64 bytes from 10.2.2.213: icmp_seq=1 ttl=63 time=0.462 ms
64 bytes from 10.2.2.213: icmp_seq=2 ttl=63 time=0.339 ms
^C
--- 10.2.2.213 ping statistics ---
2 packets transmitted, 2 received, 0% packet loss, time 1020ms
rtt min/avg/max/mdev = 0.339/0.400/0.462/0.061 ms


I worry that if I start from scratch, I am gonna end up in the exact same place since I got here and don't understand how.
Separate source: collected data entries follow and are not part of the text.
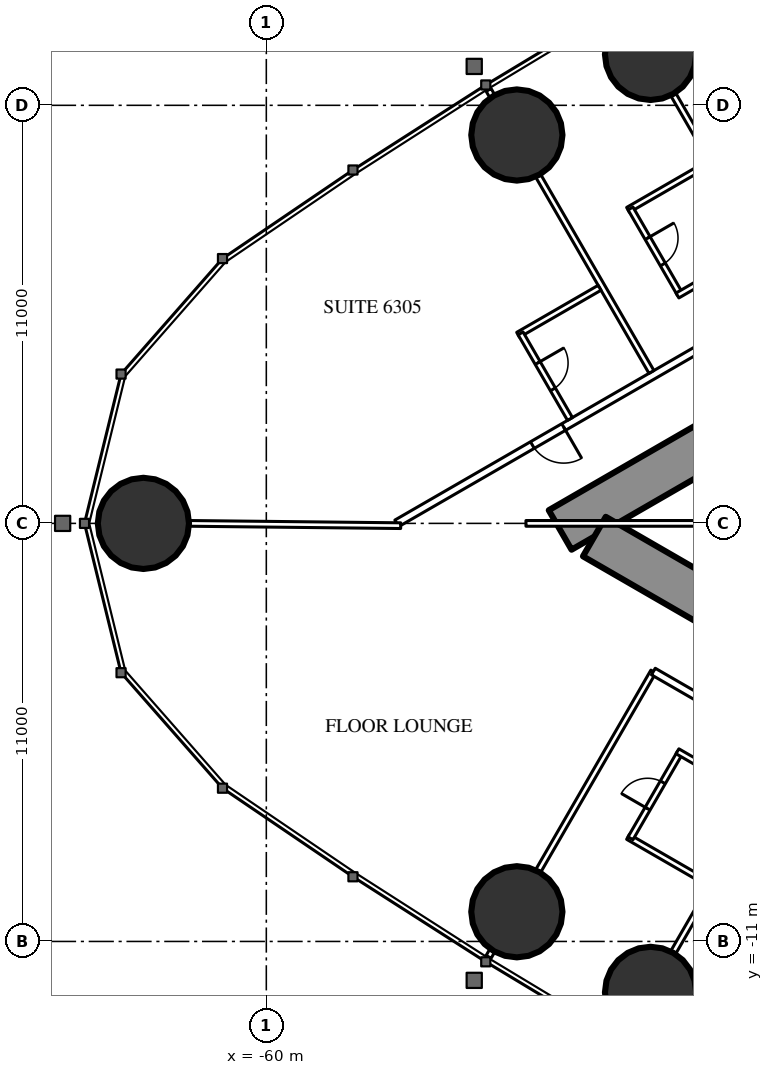
"""IFC4 building model, lengths in metres.
Left out: names, types, materials, properties, quantities, classifications, styles, units other than length and angle.
Written with IfcOpenShell. Run it as: python <this file> out.ifc"""

import sys

from ifc_helpers import new_model, si_unit, direction, frame, frame_2d, origin, origin_2d, place, context, subcontext, project, spatial, rectangle, circle, extrude, element, fill, save


model = new_model("IFC4")
c1 = context("Model", 3, precision=1e-05, world=origin(), true_north=direction((0.0, 1.0)))
c2 = subcontext(c1, "Body", "Model", "MODEL_VIEW")
j1 = project(units=[si_unit("LENGTHUNIT", "METRE"), si_unit("PLANEANGLEUNIT", "RADIAN")], contexts=[c1])
p1 = place(None, origin())
s1 = spatial("IfcSite", under=j1, at=p1, CompositionType="ELEMENT")
p2 = place(p1, origin())
s2 = spatial("IfcBuilding", under=s1, at=p2, CompositionType="ELEMENT")
p3 = place(p2, frame((0.0, 0.0, 236.9)))
s3 = spatial("IfcBuildingStorey", under=s2, at=p3, CompositionType="ELEMENT", Elevation=236.9)
for number, where, z_axis, x_axis in (
    (1, (-63.234, 0.0, 0.0), (0.0, 0.0, 1.0), (1.0, 0.0, 0.0)),
    (2, (-53.408, -10.219, 0.0), (0.0, 0.0, 1.0), (1.0, 0.0, 0.0)),
    (3, (-49.89, -12.34, 0.0), (0.0, 0.0, 1.0), (1.0, 0.0, 0.0)),
    (4, (-49.89, 12.34, 0.0), (0.0, 0.0, 1.0), (1.0, 0.0, 0.0)),
    (5, (-53.408, 10.219, 0.0), (0.0, 0.0, 1.0), (1.0, 0.0, 0.0)),
):
    element("IfcColumn", number, at=place(p3, frame(where, z_axis=z_axis, x_axis=x_axis)), inside=s3, PredefinedType="COLUMN", context=c2, shape_type="SweptSolid", body=[
        extrude(circle(Radius=1.2, at=origin_2d()), origin(), (0.0, 0.0, 1.0), 3.6),
    ])
p4 = place(p3, frame((-27.2, 14.3, 0.0), z_axis=(0.0, 0.0, 1.0), x_axis=(-0.866026593062, -0.499997940104, 0.0)))
e6 = element("IfcWall", 6, at=p4, inside=s3, PredefinedType="SHEAR", context=c2, shape_type="SweptSolid", body=[
    extrude(rectangle(XDim=28.946, YDim=1.2, at=frame_2d((14.473, 0.0))), origin(), (0.0, 0.0, 1.0), 3.6),
])
p5 = place(p4, frame((4.6, 0.0, 0.0)))
e7 = element("IfcOpeningElement", 7, at=p5, cuts=e6, PredefinedType="OPENING", context=c2, shape_type="SweptSolid", body=[
    extrude(rectangle(XDim=1.0, YDim=2.2, at=frame_2d((0.5, 1.1))), frame((0.0, 0.61, 0.0), z_axis=(0.0, -1.0, 0.0), x_axis=(1.0, 0.0, 0.0)), (0.0, 0.0, 1.0), 1.22),
])
p6 = place(p4, frame((13.395, 0.0, 0.0)))
e8 = element("IfcOpeningElement", 8, at=p6, cuts=e6, PredefinedType="OPENING", context=c2, shape_type="SweptSolid", body=[
    extrude(rectangle(XDim=1.8, YDim=2.2, at=frame_2d((0.9, 1.1))), frame((0.0, 0.61, 0.0), z_axis=(0.0, -1.0, 0.0), x_axis=(1.0, 0.0, 0.0)), (0.0, 0.0, 1.0), 1.22),
])
p7 = place(p3, frame((-27.2, -14.3, 0.0), z_axis=(0.0, 0.0, 1.0), x_axis=(-0.866024021859, 0.500002393557, 0.0)))
e9 = element("IfcWall", 9, at=p7, inside=s3, PredefinedType="SHEAR", context=c2, shape_type="SweptSolid", body=[
    extrude(rectangle(XDim=27.907, YDim=1.2, at=frame_2d((13.954, 0.0))), origin(), (0.0, 0.0, 1.0), 3.6),
])
p8 = place(p7, frame((4.6, 0.0, 0.0)))
e10 = element("IfcOpeningElement", 10, at=p8, cuts=e9, PredefinedType="OPENING", context=c2, shape_type="SweptSolid", body=[
    extrude(rectangle(XDim=1.0, YDim=2.2, at=frame_2d((0.5, 1.1))), frame((0.0, 0.61, 0.0), z_axis=(0.0, -1.0, 0.0), x_axis=(1.0, 0.0, 0.0)), (0.0, 0.0, 1.0), 1.22),
])
p9 = place(p7, frame((13.395, 0.0, 0.0)))
e11 = element("IfcOpeningElement", 11, at=p9, cuts=e9, PredefinedType="OPENING", context=c2, shape_type="SweptSolid", body=[
    extrude(rectangle(XDim=1.8, YDim=2.2, at=frame_2d((0.9, 1.1))), frame((0.0, 0.61, 0.0), z_axis=(0.0, -1.0, 0.0), x_axis=(1.0, 0.0, 0.0)), (0.0, 0.0, 1.0), 1.22),
])
p10 = place(p3, frame((-28.737, 16.068, 0.0), z_axis=(0.0, 0.0, 1.0), x_axis=(-0.866026057212, -0.499998868229, 0.0)))
e12 = element("IfcWall", 12, at=p10, inside=s3, PredefinedType="PARTITIONING", context=c2, shape_type="SweptSolid", body=[
    extrude(rectangle(XDim=32.137, YDim=0.2, at=frame_2d((16.068, 0.0))), origin(), (0.0, 0.0, 1.0), 3.35),
])
p11 = place(p10, frame((1.08, 0.0, 0.0)))
e13 = element("IfcOpeningElement", 13, at=p11, cuts=e12, PredefinedType="OPENING", context=c2, shape_type="SweptSolid", body=[
    extrude(rectangle(XDim=1.8, YDim=2.03, at=frame_2d((0.9, 1.015))), frame((0.0, 0.11, 0.0), z_axis=(0.0, -1.0, 0.0), x_axis=(1.0, 0.0, 0.0)), (0.0, 0.0, 1.0), 0.22),
])
p12 = place(p10, frame((6.86, 0.0, 0.0)))
e14 = element("IfcOpeningElement", 14, at=p12, cuts=e12, PredefinedType="OPENING", context=c2, shape_type="SweptSolid", body=[
    extrude(rectangle(XDim=1.0, YDim=2.2, at=frame_2d((0.5, 1.1))), frame((0.0, 0.11, 0.0), z_axis=(0.0, -1.0, 0.0), x_axis=(1.0, 0.0, 0.0)), (0.0, 0.0, 1.0), 0.22),
])
p13 = place(p10, frame((16.418, 0.0, 0.0)))
e15 = element("IfcOpeningElement", 15, at=p13, cuts=e12, PredefinedType="OPENING", context=c2, shape_type="SweptSolid", body=[
    extrude(rectangle(XDim=0.95, YDim=2.2, at=frame_2d((0.475, 1.1))), frame((0.0, 0.11, 0.0), z_axis=(0.0, -1.0, 0.0), x_axis=(1.0, 0.0, 0.0)), (0.0, 0.0, 1.0), 0.22),
])
p14 = place(p10, frame((20.567, 0.0, 0.0)))
e16 = element("IfcOpeningElement", 16, at=p14, cuts=e12, PredefinedType="OPENING", context=c2, shape_type="SweptSolid", body=[
    extrude(rectangle(XDim=0.95, YDim=2.2, at=frame_2d((0.475, 1.1))), frame((0.0, 0.11, 0.0), z_axis=(0.0, -1.0, 0.0), x_axis=(1.0, 0.0, 0.0)), (0.0, 0.0, 1.0), 0.22),
])
p15 = place(p10, frame((27.065, 0.0, 0.0)))
e17 = element("IfcOpeningElement", 17, at=p15, cuts=e12, PredefinedType="OPENING", context=c2, shape_type="SweptSolid", body=[
    extrude(rectangle(XDim=0.95, YDim=2.2, at=frame_2d((0.475, 1.1))), frame((0.0, 0.11, 0.0), z_axis=(0.0, -1.0, 0.0), x_axis=(1.0, 0.0, 0.0)), (0.0, 0.0, 1.0), 0.22),
])
p16 = place(p3, frame((-46.274, 6.059, 0.0), z_axis=(0.0, 0.0, 1.0), x_axis=(-0.500020471368, 0.866013584312, 0.0)))
e18 = element("IfcWall", 18, at=p16, inside=s3, PredefinedType="PARTITIONING", context=c2, shape_type="SweptSolid", body=[
    extrude(rectangle(XDim=6.028, YDim=0.15, at=frame_2d((3.014, 0.0))), origin(), (0.0, 0.0, 1.0), 2.45),
])
p17 = place(p3, frame((-49.866, 3.985, 0.0), z_axis=(0.0, 0.0, 1.0), x_axis=(-0.500000694566, 0.866025002776, 0.0)))
e19 = element("IfcWall", 19, at=p17, inside=s3, PredefinedType="PARTITIONING", context=c2, shape_type="SweptSolid", body=[
    extrude(rectangle(XDim=5.95, YDim=0.15, at=frame_2d((2.975, 0.0))), origin(), (0.0, 0.0, 1.0), 2.45),
])
p18 = place(p3, frame((-54.061, 11.25, 0.0), z_axis=(0.0, 0.0, 1.0), x_axis=(-0.500391173478, 0.865799441849, 0.0)))
e20 = element("IfcWall", 20, at=p18, inside=s3, PredefinedType="PARTITIONING", context=c2, shape_type="SweptSolid", body=[
    extrude(rectangle(XDim=0.179, YDim=0.15, at=frame_2d((0.089, 0.0))), origin(), (0.0, 0.0, 1.0), 2.45),
])
p19 = place(p3, frame((-46.274, -6.059, 0.0), z_axis=(0.0, 0.0, 1.0), x_axis=(-0.500020471368, -0.866013584312, 0.0)))
e21 = element("IfcWall", 21, at=p19, inside=s3, PredefinedType="PARTITIONING", context=c2, shape_type="SweptSolid", body=[
    extrude(rectangle(XDim=6.028, YDim=0.15, at=frame_2d((3.014, 0.0))), origin(), (0.0, 0.0, 1.0), 2.45),
])
p20 = place(p3, frame((-49.816, -3.898, 0.0), z_axis=(0.0, 0.0, 1.0), x_axis=(-0.500001913541, -0.866024298998, 0.0)))
e22 = element("IfcWall", 22, at=p20, inside=s3, PredefinedType="PARTITIONING", context=c2, shape_type="SweptSolid", body=[
    extrude(rectangle(XDim=6.05, YDim=0.15, at=frame_2d((3.025, 0.0))), origin(), (0.0, 0.0, 1.0), 2.45),
])
p21 = place(p3, frame((-54.061, -11.25, 0.0), z_axis=(0.0, 0.0, 1.0), x_axis=(-0.500391173478, -0.865799441849, 0.0)))
e23 = element("IfcWall", 23, at=p21, inside=s3, PredefinedType="PARTITIONING", context=c2, shape_type="SweptSolid", body=[
    extrude(rectangle(XDim=0.179, YDim=0.15, at=frame_2d((0.089, 0.0))), origin(), (0.0, 0.0, 1.0), 2.45),
])
p22 = place(p3, frame((-56.464, -0.06, 0.0), z_axis=(0.0, 0.0, 1.0), x_axis=(-0.999941455167, 0.01082063951, 0.0)))
e24 = element("IfcWall", 24, at=p22, inside=s3, PredefinedType="PARTITIONING", context=c2, shape_type="SweptSolid", body=[
    extrude(rectangle(XDim=5.55, YDim=0.15, at=frame_2d((2.775, 0.0))), origin(), (0.0, 0.0, 1.0), 2.45),
])
p23 = place(p3, frame((-48.339, 9.486, 0.0), z_axis=(0.0, 0.0, 1.0), x_axis=(-0.866006523861, -0.500032699561, 0.0)))
e25 = element("IfcWall", 25, at=p23, inside=s3, PredefinedType="PARTITIONING", context=c2, shape_type="SweptSolid", body=[
    extrude(rectangle(XDim=2.475, YDim=0.15, at=frame_2d((1.237, 0.0))), origin(), (0.0, 0.0, 1.0), 3.35),
])
p24 = place(p3, frame((-49.117, 6.034, 0.0), z_axis=(0.0, 0.0, 1.0), x_axis=(-0.500006934395, 0.866021400173, 0.0)))
e26 = element("IfcWall", 26, at=p24, inside=s3, PredefinedType="PARTITIONING", context=c2, shape_type="SweptSolid", body=[
    extrude(rectangle(XDim=2.6, YDim=0.15, at=frame_2d((1.3, 0.0))), origin(), (0.0, 0.0, 1.0), 3.35),
])
p25 = place(p24, frame((0.9, 0.0, 0.0)))
e27 = element("IfcOpeningElement", 27, at=p25, cuts=e26, PredefinedType="OPENING", context=c2, shape_type="SweptSolid", body=[
    extrude(rectangle(XDim=0.8, YDim=2.2, at=frame_2d((0.4, 1.1))), frame((0.0, 0.085, 0.0), z_axis=(0.0, -1.0, 0.0), x_axis=(1.0, 0.0, 0.0)), (0.0, 0.0, 1.0), 0.17),
])
for number, where, z_axis, x_axis in (
    (28, (-47.039, 7.234, 0.0), (0.0, 0.0, 1.0), (-0.866, -0.5, 0.0)),
    (29, (-51.231, 6.199, 0.0), (0.0, 0.0, 1.0), (-0.866, -0.5, 0.0)),
):
    element("IfcWall", number, at=place(p3, frame(where, z_axis=z_axis, x_axis=x_axis)), inside=s3, PredefinedType="PARTITIONING", context=c2, shape_type="SweptSolid", body=[
        extrude(rectangle(XDim=2.475, YDim=0.15, at=frame_2d((1.238, 0.0))), origin(), (0.0, 0.0, 1.0), 3.35),
    ])
p26 = place(p3, frame((-52.01, 2.747, 0.0), z_axis=(0.0, 0.0, 1.0), x_axis=(-0.500006934395, 0.866021400173, 0.0)))
e30 = element("IfcWall", 30, at=p26, inside=s3, PredefinedType="PARTITIONING", context=c2, shape_type="SweptSolid", body=[
    extrude(rectangle(XDim=2.6, YDim=0.15, at=frame_2d((1.3, 0.0))), origin(), (0.0, 0.0, 1.0), 3.35),
])
p27 = place(p26, frame((0.9, 0.0, 0.0)))
e31 = element("IfcOpeningElement", 31, at=p27, cuts=e30, PredefinedType="OPENING", context=c2, shape_type="SweptSolid", body=[
    extrude(rectangle(XDim=0.8, YDim=2.2, at=frame_2d((0.4, 1.1))), frame((0.0, 0.085, 0.0), z_axis=(0.0, -1.0, 0.0), x_axis=(1.0, 0.0, 0.0)), (0.0, 0.0, 1.0), 0.17),
])
p28 = place(p3, frame((-48.339, -9.486, 0.0), z_axis=(0.0, 0.0, 1.0), x_axis=(-0.866006523861, 0.500032699561, 0.0)))
e32 = element("IfcWall", 32, at=p28, inside=s3, PredefinedType="PARTITIONING", context=c2, shape_type="SweptSolid", body=[
    extrude(rectangle(XDim=2.475, YDim=0.15, at=frame_2d((1.237, 0.0))), origin(), (0.0, 0.0, 1.0), 3.35),
])
p29 = place(p3, frame((-49.117, -6.034, 0.0), z_axis=(0.0, 0.0, 1.0), x_axis=(-0.500006934395, -0.866021400173, 0.0)))
e33 = element("IfcWall", 33, at=p29, inside=s3, PredefinedType="PARTITIONING", context=c2, shape_type="SweptSolid", body=[
    extrude(rectangle(XDim=2.6, YDim=0.15, at=frame_2d((1.3, 0.0))), origin(), (0.0, 0.0, 1.0), 3.35),
])
p30 = place(p29, frame((0.9, 0.0, 0.0)))
e34 = element("IfcOpeningElement", 34, at=p30, cuts=e33, PredefinedType="OPENING", context=c2, shape_type="SweptSolid", body=[
    extrude(rectangle(XDim=0.8, YDim=2.2, at=frame_2d((0.4, 1.1))), frame((0.0, 0.085, 0.0), z_axis=(0.0, -1.0, 0.0), x_axis=(1.0, 0.0, 0.0)), (0.0, 0.0, 1.0), 0.17),
])
p31 = place(p3, frame((-47.039, -7.234, 0.0), z_axis=(0.0, 0.0, 1.0), x_axis=(-0.866073894602, 0.499916002032, 0.0)))
e35 = element("IfcWall", 35, at=p31, inside=s3, PredefinedType="PARTITIONING", context=c2, shape_type="SweptSolid", body=[
    extrude(rectangle(XDim=2.475, YDim=0.15, at=frame_2d((1.238, 0.0))), origin(), (0.0, 0.0, 1.0), 2.5),
])
p32 = place(p3, frame((-44.715, -6.844, 0.0), z_axis=(0.0, 0.0, 1.0), x_axis=(-0.866020627653, 0.50000827241, 0.0)))
e36 = element("IfcWall", 36, at=p32, inside=s3, PredefinedType="PARTITIONING", context=c2, shape_type="SweptSolid", body=[
    extrude(rectangle(XDim=5.891, YDim=0.2, at=frame_2d((2.945, 0.0))), origin(), (0.0, 0.0, 1.0), 3.35),
])
p33 = place(p32, frame((2.117, 0.0, 0.0)))
e37 = element("IfcOpeningElement", 37, at=p33, cuts=e36, PredefinedType="OPENING", context=c2, shape_type="SweptSolid", body=[
    extrude(rectangle(XDim=0.95, YDim=2.2, at=frame_2d((0.475, 1.1))), frame((0.0, 0.11, 0.0), z_axis=(0.0, -1.0, 0.0), x_axis=(1.0, 0.0, 0.0)), (0.0, 0.0, 1.0), 0.22),
])
p34 = place(p32, frame((0.5, 0.0, 0.0)))
e38 = element("IfcOpeningElement", 38, at=p34, cuts=e36, PredefinedType="OPENING", context=c2, shape_type="SweptSolid", body=[
    extrude(rectangle(XDim=0.967, YDim=2.2, at=frame_2d((0.483, 1.1))), frame((0.0, 0.11, 0.0), z_axis=(0.0, -1.0, 0.0), x_axis=(1.0, 0.0, 0.0)), (0.0, 0.0, 1.0), 0.22),
])
p35 = place(p3, frame((-43.075, 0.0, 0.0), z_axis=(0.0, 0.0, 1.0), x_axis=(-1.0, 0.0, 0.0)))
e39 = element("IfcWall", 39, at=p35, inside=s3, PredefinedType="PARTITIONING", context=c2, shape_type="SweptSolid", body=[
    extrude(rectangle(XDim=10.093, YDim=0.15, at=frame_2d((5.047, 0.0))), origin(), (0.0, 0.0, 1.0), 2.45),
])
p36 = place(p25, origin())
e40 = element("IfcDoor", 40, at=p36, inside=s3, OperationType="SINGLE_SWING_RIGHT", PredefinedType="DOOR", context=c2, shape_type="SweptSolid", body=[
    extrude(rectangle(XDim=0.8, YDim=2.2, at=frame_2d((0.4, 1.1))), frame((0.0, 0.025, 0.0), z_axis=(0.0, -1.0, 0.0), x_axis=(1.0, 0.0, 0.0)), (0.0, 0.0, 1.0), 0.05),
])
fill(e27, e40)
p37 = place(p27, origin())
e41 = element("IfcDoor", 41, at=p37, inside=s3, OperationType="SINGLE_SWING_RIGHT", PredefinedType="DOOR", context=c2, shape_type="SweptSolid", body=[
    extrude(rectangle(XDim=0.8, YDim=2.2, at=frame_2d((0.4, 1.1))), frame((0.0, 0.025, 0.0), z_axis=(0.0, -1.0, 0.0), x_axis=(1.0, 0.0, 0.0)), (0.0, 0.0, 1.0), 0.05),
])
fill(e31, e41)
p38 = place(p15, origin())
e42 = element("IfcDoor", 42, at=p38, inside=s3, OperationType="SINGLE_SWING_LEFT", PredefinedType="DOOR", context=c2, shape_type="SweptSolid", body=[
    extrude(rectangle(XDim=0.95, YDim=2.2, at=frame_2d((0.475, 1.1))), frame((0.0, 0.025, 0.0), z_axis=(0.0, -1.0, 0.0), x_axis=(1.0, 0.0, 0.0)), (0.0, 0.0, 1.0), 0.05),
])
fill(e17, e42)
p39 = place(p30, origin())
e43 = element("IfcDoor", 43, at=p39, inside=s3, OperationType="SINGLE_SWING_RIGHT", PredefinedType="DOOR", context=c2, shape_type="SweptSolid", body=[
    extrude(rectangle(XDim=0.8, YDim=2.2, at=frame_2d((0.4, 1.1))), frame((0.0, 0.025, 0.0), z_axis=(0.0, -1.0, 0.0), x_axis=(1.0, 0.0, 0.0)), (0.0, 0.0, 1.0), 0.05),
])
fill(e34, e43)
save(model, sys.argv[1])

Ok, good news, I re-imaged and after about an hour of tinkering it's working.  (My wife is a doctor who does tele-medicine from home so it was tricky to get a downtime, even riskier if I couldn't get back to working; usually she works when kids are in bed and that usually my window for these kind of projects).  I still have my old config backup; I have a lot of firewall rules and services to put back in (I had redirects for google trying to reach their dns from chromecasts to my pihole, I had a zabbix client pointing to my zabbix server, I had wireguard working and want to see if I can restore existing key exchanges, it was tied to my LDAP server, etc).  I really want to compare my old backup with a new one when this is done and see if I can't figure out what was broken.  I want to document that because I found a bunch of people with similar questions that only had incomplete answers: 

1) From the CLI, the WAN interface was DHCP, I set up the lagg between my 2 ports (lagg0), created a vlan 99 interface off of it (lagg0_vlan99) and made that the LAN interface with a static IP and no gateway.
2) I made a gateway for my 10.99.1.254 LAN gateway, had to assign it to the LAN interface when I made it.  It is not tagged as upstream.  One thing I noticed, WAN_GW is priority 255; it was 254 before.  Just a difference I noticed.
3) I made an alias for each of my VLANS that might need internet access
4) In Outbound NAT, I switched it to Hybrid and made rules to allow traffic through to each VLAN.
5) Under Firewall->Rules->LAN I created a pass rule for each VLAN (This will get tuned later)

With this, LAN clients access the WAN, after putting in a port forward WAN clients can access things on the LAN, the firewall can ping both LAN and WAN.